Upload ESG Action

7ca3abf verified about 2 months ago

4.39 kB


	---
	language: vi
	license: mit
	library_name: transformers
	pipeline_tag: text-classification
	tags:
	- esg
	- esg-washing
	- actionability
	- banking
	- vietnamese
	- nlp
	- sustainability
	---

	# ESG Actionability Classifier for Vietnamese Banking Reports

	## Model description
	This model is a Vietnamese text classification model fine-tuned from PhoBERT-large to classify ESG-related sentences in banking annual reports according to their actionability level.

	The model is designed as Module 3 (Actionability Classification) in a multi-stage ESG-washing analysis framework. It does not assess factual correctness or ESG performance, but focuses on identifying whether a disclosure describes concrete actions, future plans, or vague commitments.

	The model predicts one of three labels:
	- Implemented: concrete actions or achieved results (often with time references or quantitative indicators)
	- Planning: stated plans, targets, or future-oriented commitments
	- Indeterminate: general or symbolic statements without specific actions or evidence

	---

	## Intended use

	### Primary intended use
	- Analyzing ESG disclosure quality in Vietnamese banking annual reports.
	- Supporting ESG-washing risk analysis by distinguishing substantive actions from symbolic language.
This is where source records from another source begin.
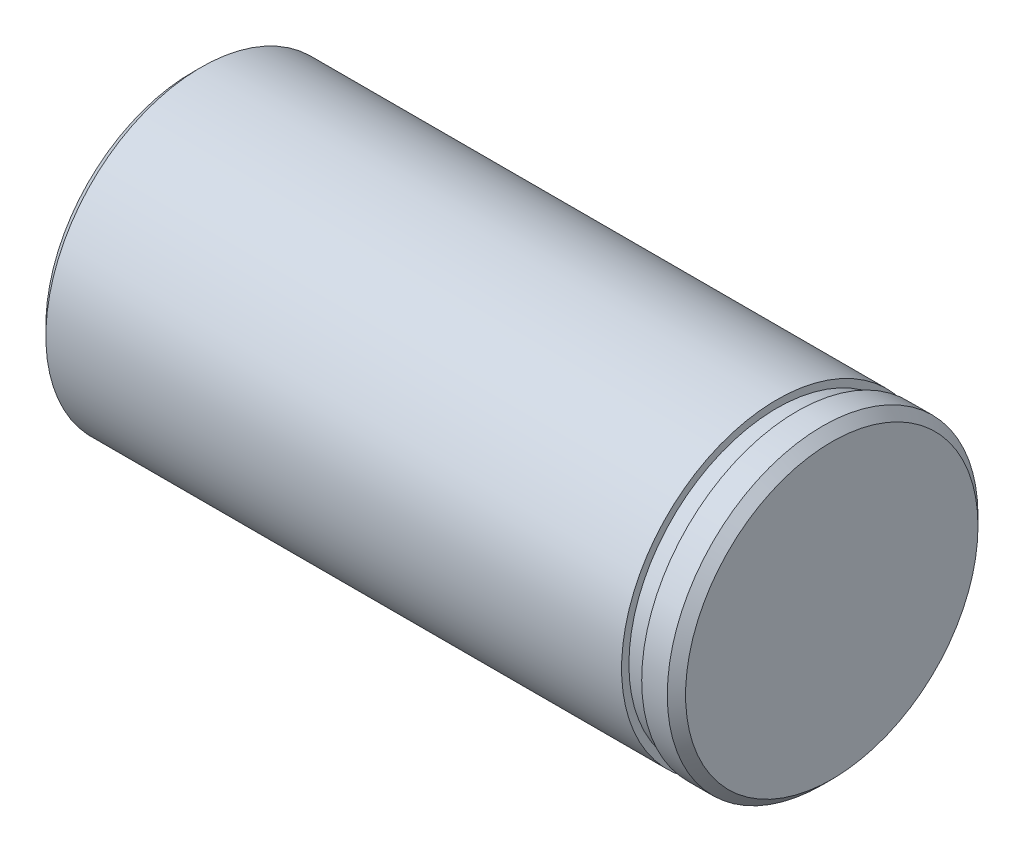
SolidWorks part; units mm, degrees
material "45"
ref_plane "前视基准面" through (0, 0, 0) normal (0, 0, 1) x (1, 0, 0)
ref_plane "上视基准面" through (0, 0, 0) normal (0, 1, 0) x (1, 0, 0)
ref_plane "右视基准面" through (0, 0, 0) normal (1, 0, 0) x (0, 0, -1)
sketch "草图1" plane through (0, 0, 0) normal (1, 0, 0) x (0, 0, -1)
  circle A0 centre (0, 0) radius 8.5
  dimension "D1" = 17
extrude "凸台-拉伸1" add sketch "草图1" along normal blind 35
hole_wizard "M6 螺纹孔1" positions "草图3" profile "草图2" tap size "M6" standard "ISO"
sketch "草图3" plane through (0, 0, 0) normal (-1, 0, 0) x (0, 0, 1)
  point P0 (0, 0)
sketch "草图2" plane through (0, 0, 0) normal (0, 1, 0) x (0, 0, 1)
  line L0 (0, 0) -> (0, 16.5022)
  line L1 (0, 16.5022) -> (2.5, 15)
  line L2 (2.5, 15) -> (2.5, 0)
  line L5 (2.5, 0) -> (0, 0)
  line L10 (0, 16.5022) -> (-2.5, 15) construction
  line L11 (0, -6.35) -> (0, 107.95) construction
  dimension "螺纹孔钻头直径" = 5
  dimension "螺纹孔钻头深度" = 15
  dimension "导头角度" = 118
cosmetic thread "孔螺蚊线1" parameters "D1"=12, "D2"=6
chamfer "倒角1" distance 0.5 angle 45 2 edges at (35, 0, -8.5) (0, 0, -8.5)
sketch "草图4" plane through (0, 0, 0) normal (0, 1, 0) x (1, 0, 0)
  line L0 (0, 8) -> (0, -8) construction
  line L1 (32, 10.8655) -> (33.1, 10.8655)
  line L2 (32, 10.8655) -> (32, 8.1)
  line L3 (32, 8.1) -> (33.1, 8.1)
  line L4 (33.1, 10.8655) -> (33.1, 8.1)
  line L5 (-5.2777, 0) -> (43.283, 0) construction
  dimension "D1" = 1.1
  dimension "D2" = 8.1
  dimension "D3" = 32
revolve "切除-旋转1" cut sketch "草图4" angle 360 about L5
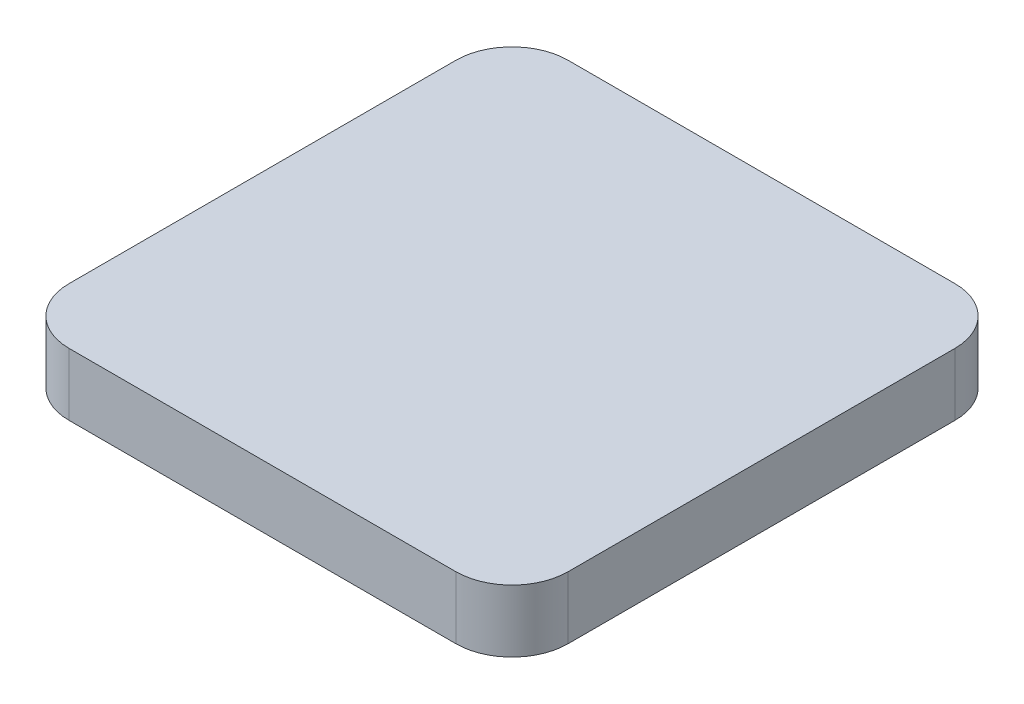
from build123d import *

# Parameters (mm, degrees)
SKETCH_1_W      = 40
SKETCH_1_H      = 40
EXTRUDE_1_DEPTH = 2.5
FILLET_1_R      = 4.5


with BuildPart() as part:
    # 草图1 → 凸台-拉伸1 (new, symmetric)
    with BuildSketch(Plane(origin=(0, 0, 0), x_dir=(1, 0, 0), z_dir=(0, 1, 0))):
        Rectangle(SKETCH_1_W, SKETCH_1_H)
    extrude(amount=EXTRUDE_1_DEPTH, both=True)

    # 圆角1
    fillet_1_edges = [part.edges().sort_by_distance(p)[0] for p in [
        (20, 0, 20),
        (-20, 0, 20),
        (-20, 0, -20),
        (20, 0, -20),
    ]]
    fillet(fillet_1_edges, radius=FILLET_1_R)


solid = part.part
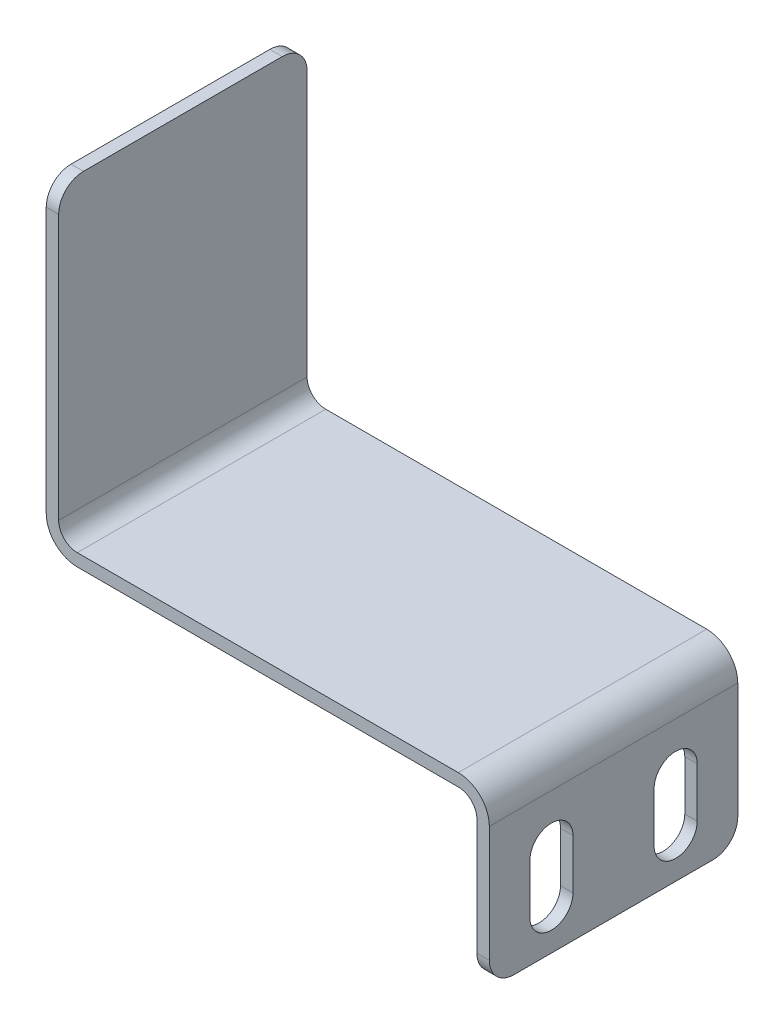
SolidWorks part; units mm, degrees
ref_plane "前视基准面" through (0, 0, 0) normal (0, 0, 1) x (1, 0, 0)
ref_plane "上视基准面" through (0, 0, 0) normal (0, 1, 0) x (1, 0, 0)
ref_plane "右视基准面" through (0, 0, 0) normal (1, 0, 0) x (0, 0, -1)
sketch "草图1" plane through (0, 0, 0) normal (0, 0, 1) x (1, 0, 0)
  line L0 (0, 0) -> (0, 17)
  line L1 (-3, 20) -> (-49, 20)
  line L2 (-52, 23) -> (-52, 58)
  arc A0 (0, 17) -> (-3, 20) centre (-3, 17) ccw
  arc A1 (-49, 20) -> (-52, 23) centre (-49, 23) cw
  point P8 (0, 20)
  point P11 (-52, 20)
  dimension "D5" = 3
  dimension "D1" = 20
  dimension "D2" = 35
  dimension "D4" = 52
extrude "拉伸-薄壁1" add sketch "草图1" along normal blind 30 thin thin type mid plane wall 1.5
fillet "圆角1" radius 3 4 edges at (-52, 58, 0) (-52, 58, 30) (0, 0, 30) (0, 0, 0)
sketch "草图2" plane through (-0.75, 0, 0) normal (-1, 0, 0) x (0, 0, 1)
  line L0 (7.5, 11) -> (7.5, 5) construction
  line L1 (10.1, 11) -> (10.1, 5)
  line L2 (4.9, 11) -> (4.9, 5)
  line L3 (22.5, 11) -> (22.5, 5) construction
  line L4 (25.1, 11) -> (25.1, 5)
  line L5 (19.9, 11) -> (19.9, 5)
  line L6 (15, 0) -> (15, 17.4836) construction
  line L7 (27, 0) -> (3, 0) construction
  arc A0 (10.1, 11) -> (4.9, 11) centre (7.5, 11) ccw
  arc A1 (4.9, 5) -> (10.1, 5) centre (7.5, 5) ccw
  arc A2 (25.1, 11) -> (19.9, 11) centre (22.5, 11) ccw
  arc A3 (19.9, 5) -> (25.1, 5) centre (22.5, 5) ccw
  point P2 (7.5, 8)
  point P7 (22.5, 8)
  dimension "D1" = 15
  dimension "D2" = 5.2
  dimension "D3" = 6
  dimension "D4" = 8
extrude "切除-拉伸1" cut sketch "草图2" against normal blind 10

	### Example downstream usage
	- Measuring the proportion of Implemented vs. Indeterminate ESG statements at the bank-year level.
	- Serving as an intermediate module before evidence linking and ESG-washing risk scoring.

	### Out-of-scope use
	- Determining the factual truthfulness of ESG claims.
	- Legal, regulatory, or investment decision-making without human review.
	- Application to non-banking or non-Vietnamese text without re-validation.

	---

	## Training data

	The model was trained using a hybrid labeling strategy:
	- LLM-generated labels as a semantic teacher for actionability
	- Weak labeling rules based on linguistic and domain-specific patterns (e.g., time references, quantitative indicators)
	- A pseudo-gold set sampled from high-confidence LLM labels for calibration and evaluation

	Training/validation data:
	- Total labeled samples: 5,997
	- Train set: 5,097
	- Validation set: 900

	Label distribution (train):
	- Implemented: ~37%
	- Planning: ~3%
	- Indeterminate: ~60%

	Class imbalance was handled using class-weighted loss during training.

	---

	## Training procedure
	- Base model: PhoBERT-large
	- Task: 3-class sentence-level classification
	- Loss: Cross-entropy with class weights
	- Evaluation metric: Macro-F1
	- Input representation:
	- Narrative text: sentence with local context (previous + next sentence)
	- Tables/KPI-like text: sentence only

	---

	## Evaluation results

	### Validation set (900 samples)
	- Accuracy: 0.839
	- Macro-F1: 0.734

	Per-class (validation):

	\| Label \| Precision \| Recall \| F1 \|
	\|------\|-----------\|--------\|----\|
	\| Implemented \| 0.79 \| 0.82 \| 0.81 \|
	\| Planning \| 0.48 \| 0.55 \| 0.52 \|
	\| Indeterminate \| 0.89 \| 0.86 \| 0.88 \|

	### Pseudo-gold test set (498 samples, balanced)
	- Accuracy: 0.916
	- Macro-F1: 0.916

	> Note: The pseudo-gold set is derived from high-confidence LLM labels and is balanced across classes. It may not fully reflect real-world class distributions.

	---

	## How to use

	```python
	from transformers import AutoTokenizer, AutoModelForSequenceClassification
	import torch

	model_id = "huypham71/esg-action"
	tokenizer = AutoTokenizer.from_pretrained(model_id)
	model = AutoModelForSequenceClassification.from_pretrained(model_id)

	labels = ["Implemented", "Planning", "Indeterminate"]

	text = "Năm 2023, ngân hàng đã giảm 15% lượng khí thải CO2."
	inputs = tokenizer(text, return_tensors="pt", truncation=True, max_length=256)

	with torch.no_grad():
	logits = model(**inputs).logits
	probs = torch.softmax(logits, dim=-1).squeeze()

	pred = labels[int(probs.argmax())]
	print(pred, float(probs.max()))
	```

	---

	## Limitations

	The model captures linguistic actionability, not actual ESG performance.

	Planning statements are relatively rare, which may affect robustness on unseen corpora.

	Performance may degrade on domains outside Vietnamese banking reports.

	## Ethical considerations

	Outputs should be interpreted as analytical signals, not definitive judgments.

	Automated classification may reflect biases present in disclosure styles or training data.